Through testing various models on the dataset, the model that had the best performance overall was Keras bert-for-tf2 model. Below is a print out of the classification table of metrics to show results of classification of labels:

2

The python script application main.py incorporates the pre-trained Keras bert-for-tf2 model to make label predictions from a excel/csv file input by user. The output is the original excel file by user along with probabilites for the various labels. The required environment for the python script application can be found in requirements.txt and the pre-trained Keras bert-for-tf2 model is found in the releases secion. Please be aware that the python script should be updated on line 332 for the path file of the pre-trained model.

Project Description

The company Allcorrect Games provides video game localization, localization testing, voiceovers, game art, and playable ads.

Allcorrect Group works with major international game publishers and developers. The company has participated in the localization of over 968 games, as well as the testing of over 100 games. Allcorrect Group works in more than 23 language pairs, partners with 6 voice studios, and employs highly competent native speakers to test games on the iOS, Android, and PC platforms.
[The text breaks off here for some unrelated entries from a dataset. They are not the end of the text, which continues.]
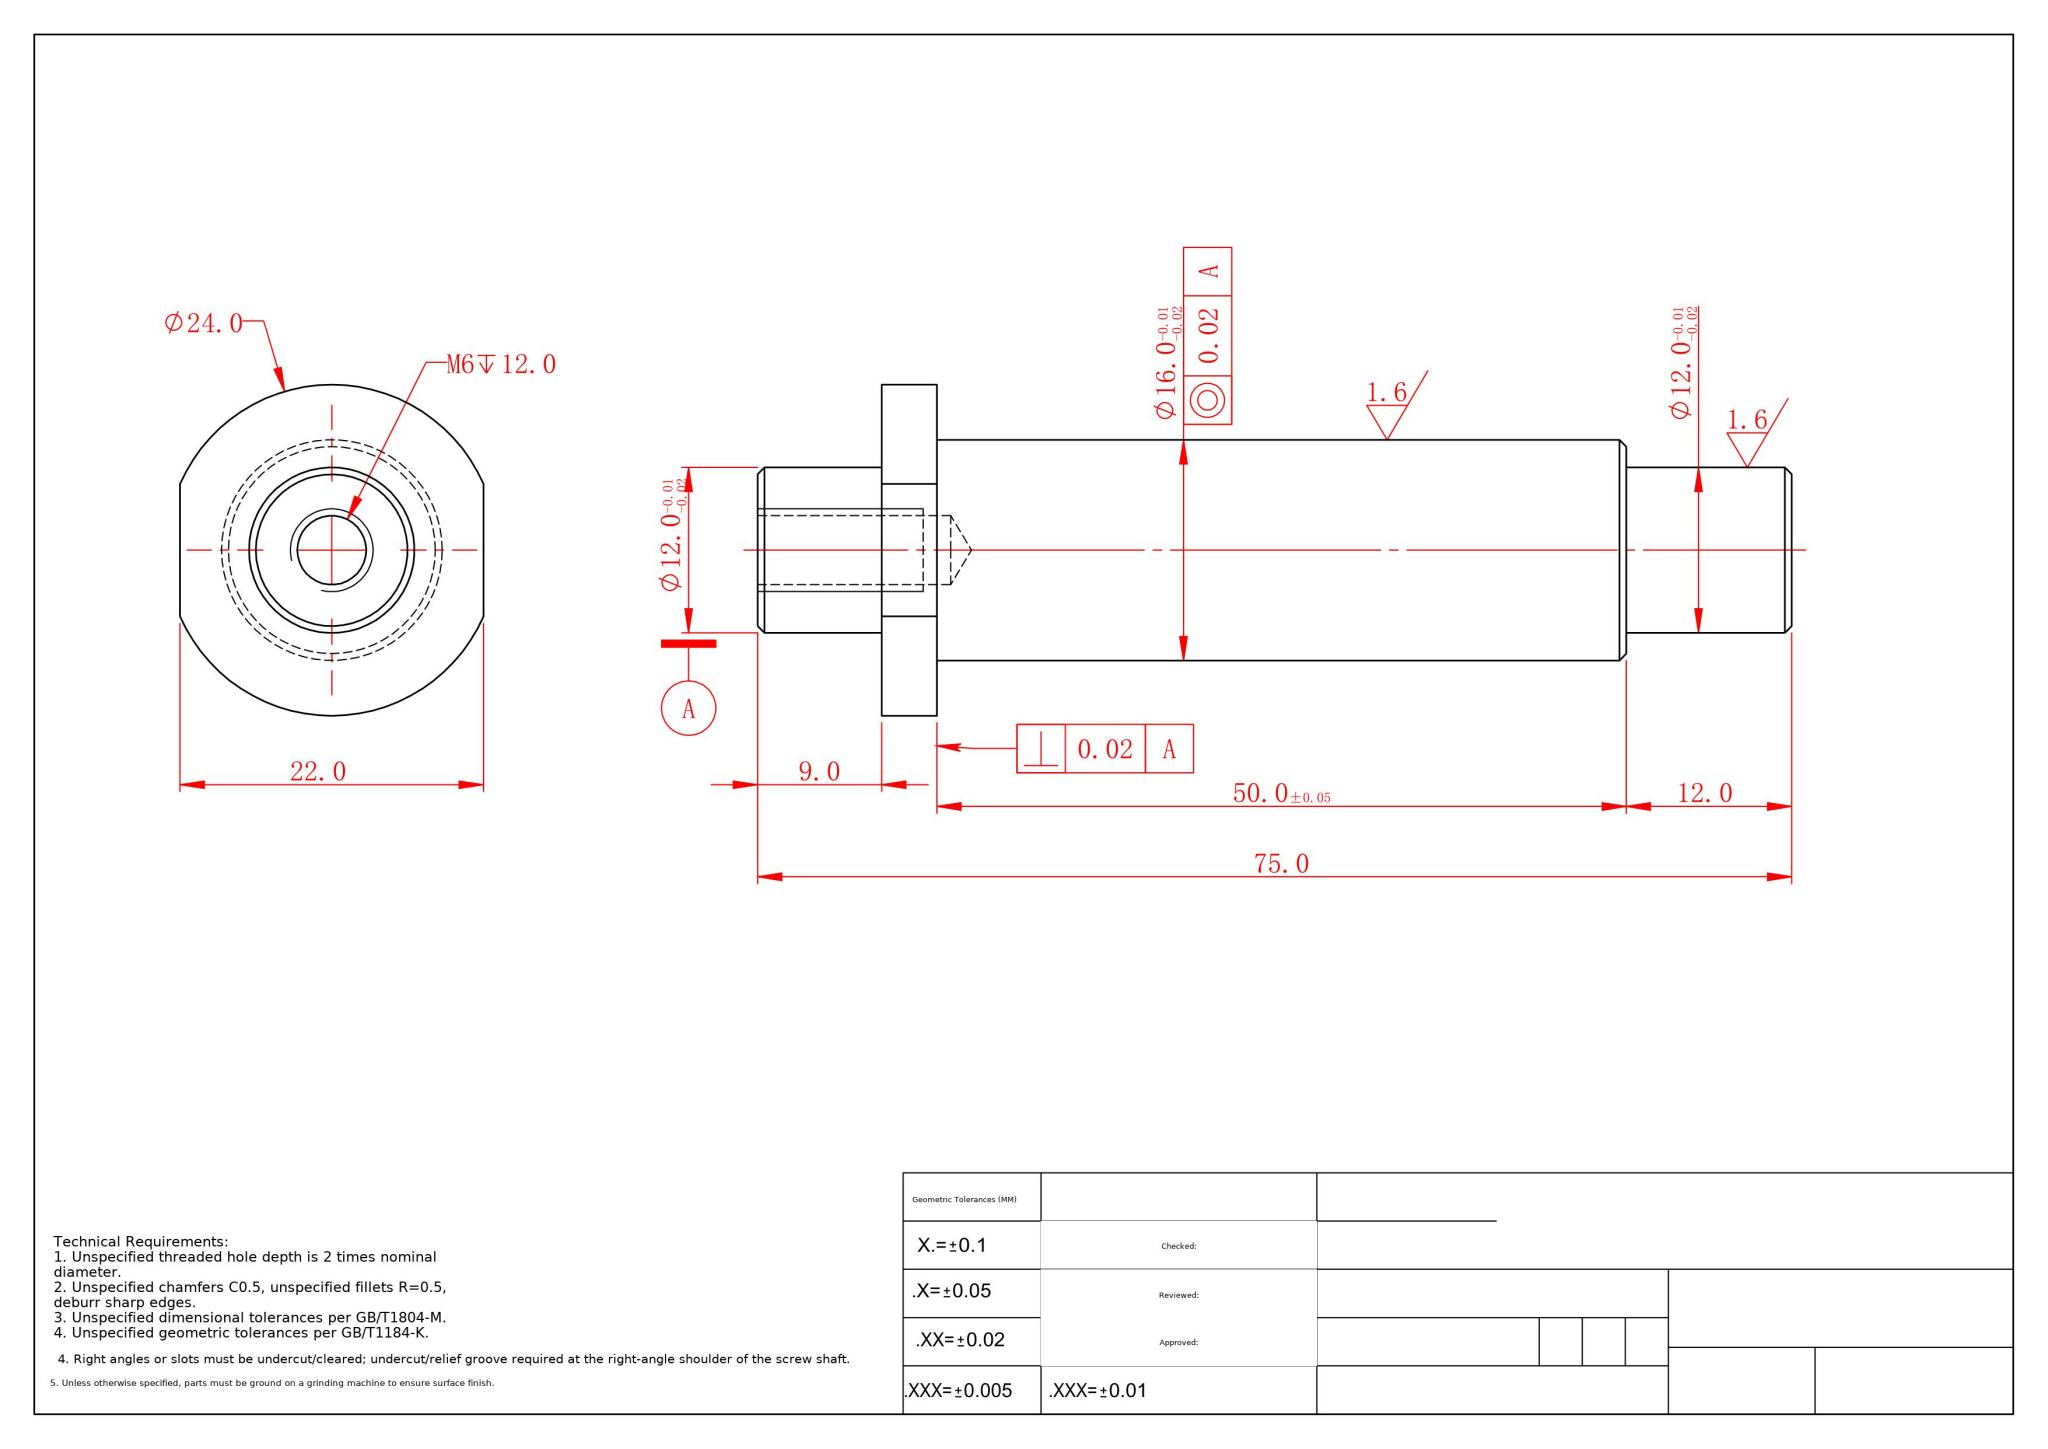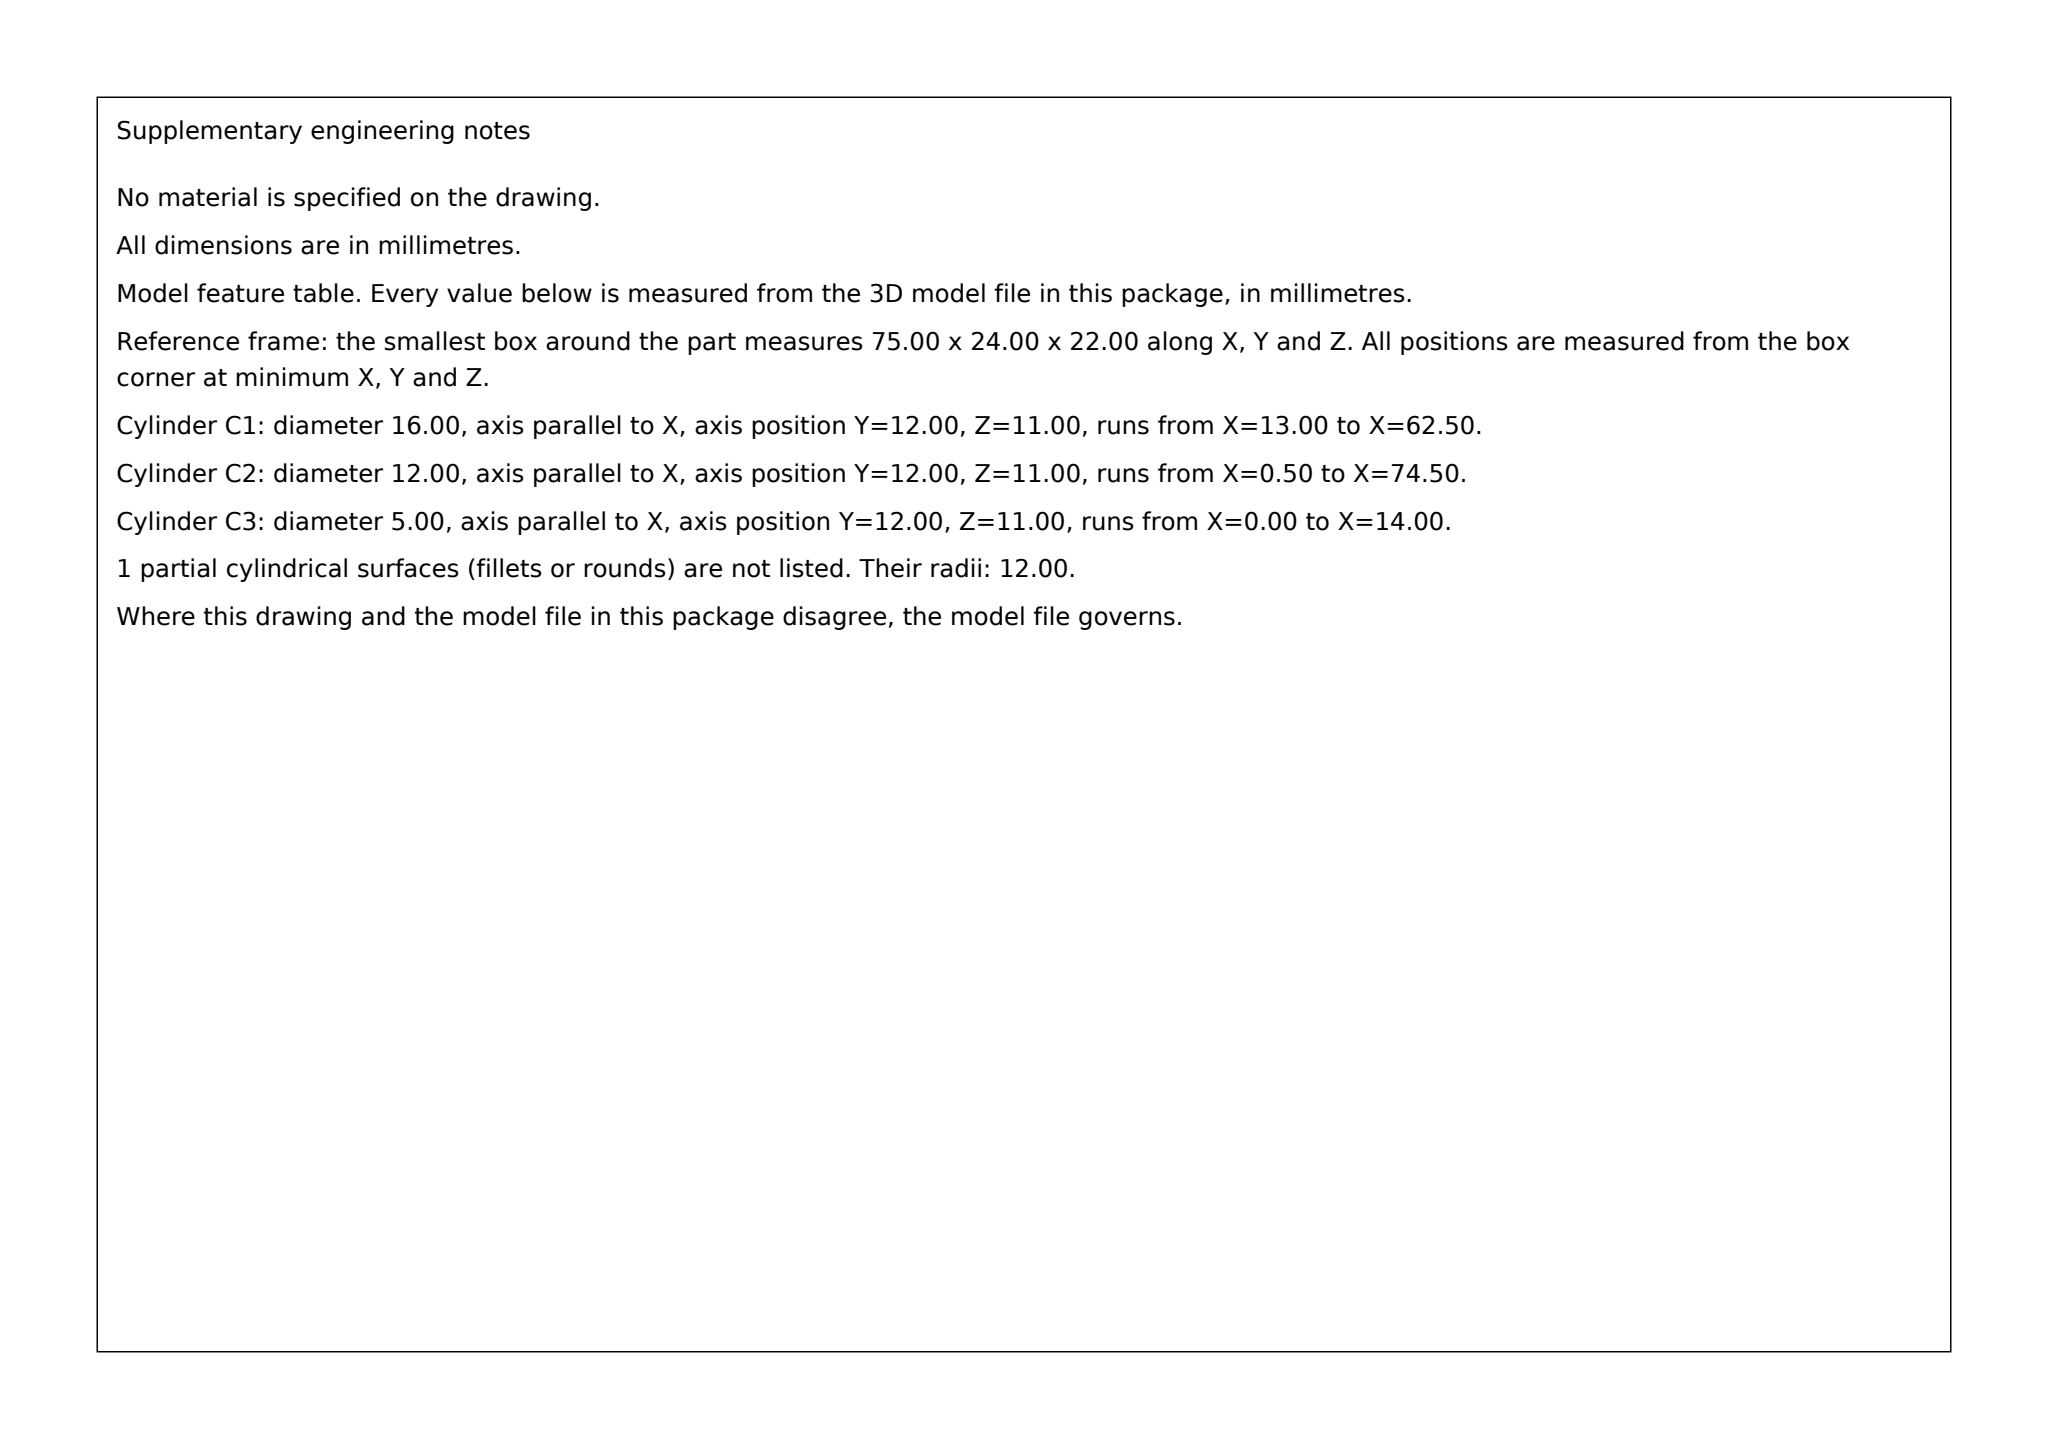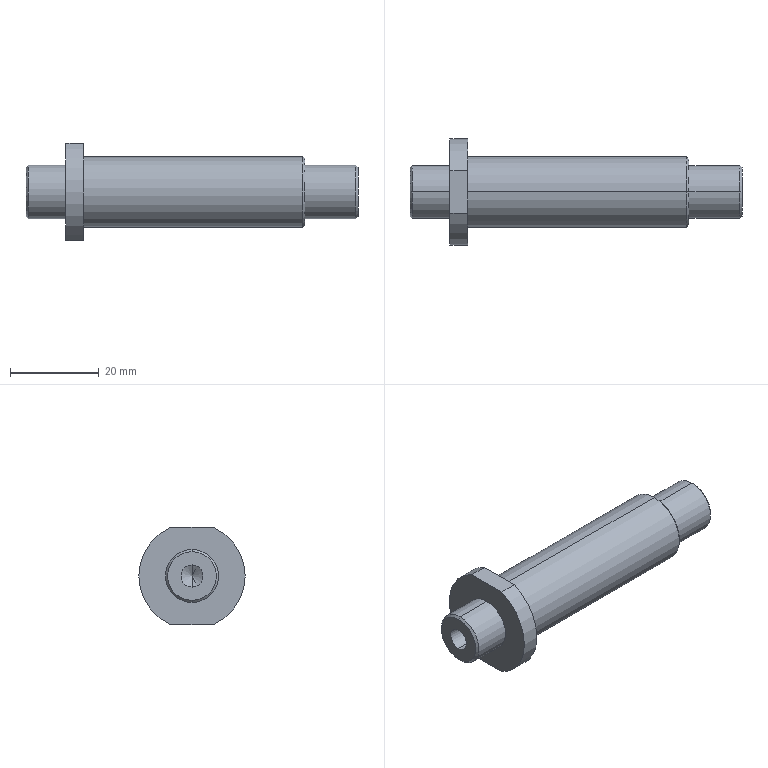Part | SolidWorks | mm | 1 solid | 25 faces | box 75 x 24 x 22 mm | volume 13886 mm3 | cylinder 10 | cone 8 | plane 7 | commonest cylinder face diameters 12 x4 5 x2 16 x2 24 x2
build123d program:
from build123d import *

# Parameters (mm, degrees)
M6_TAPPED_HOLE1_D     = 5
M6_TAPPED_HOLE1_DEPTH = 14
M6_TAPPED_HOLE1_TIP   = 1.502
CUT_EXTRUDE1_REACH    = 66.281
SKETCH4_W             = 1.714
SKETCH4_H             = 24.788
CHAMFER1_SIZE         = 0.5


with BuildPart() as part:
    # Sketch1 → Revolve1 (revolve)
    with BuildSketch(Plane.XY, mode=Mode.PRIVATE) as revolve1_sk:
        Polygon((-37.5, 0), (37.5, 0), (37.5, 6), (25.5, 6), (25.5, 8), (-24.5, 8), (-24.5, 12), (-28.5, 12), (-28.5, 6), (-37.5, 6), align=None)
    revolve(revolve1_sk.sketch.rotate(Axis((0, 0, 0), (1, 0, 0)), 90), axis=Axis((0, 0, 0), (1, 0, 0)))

The company uses players' reviews from different sources (Google Play, AppStore, etc.) to find games with high localization demand. This information is used to generate business offers from the company to game developers.

During reviews' analysis each of them is manually classified into several different categories. For instance, a review contains localization request or a user complains about translation mistakes, etc. Manual labeling of reviews is tedious and expensive process.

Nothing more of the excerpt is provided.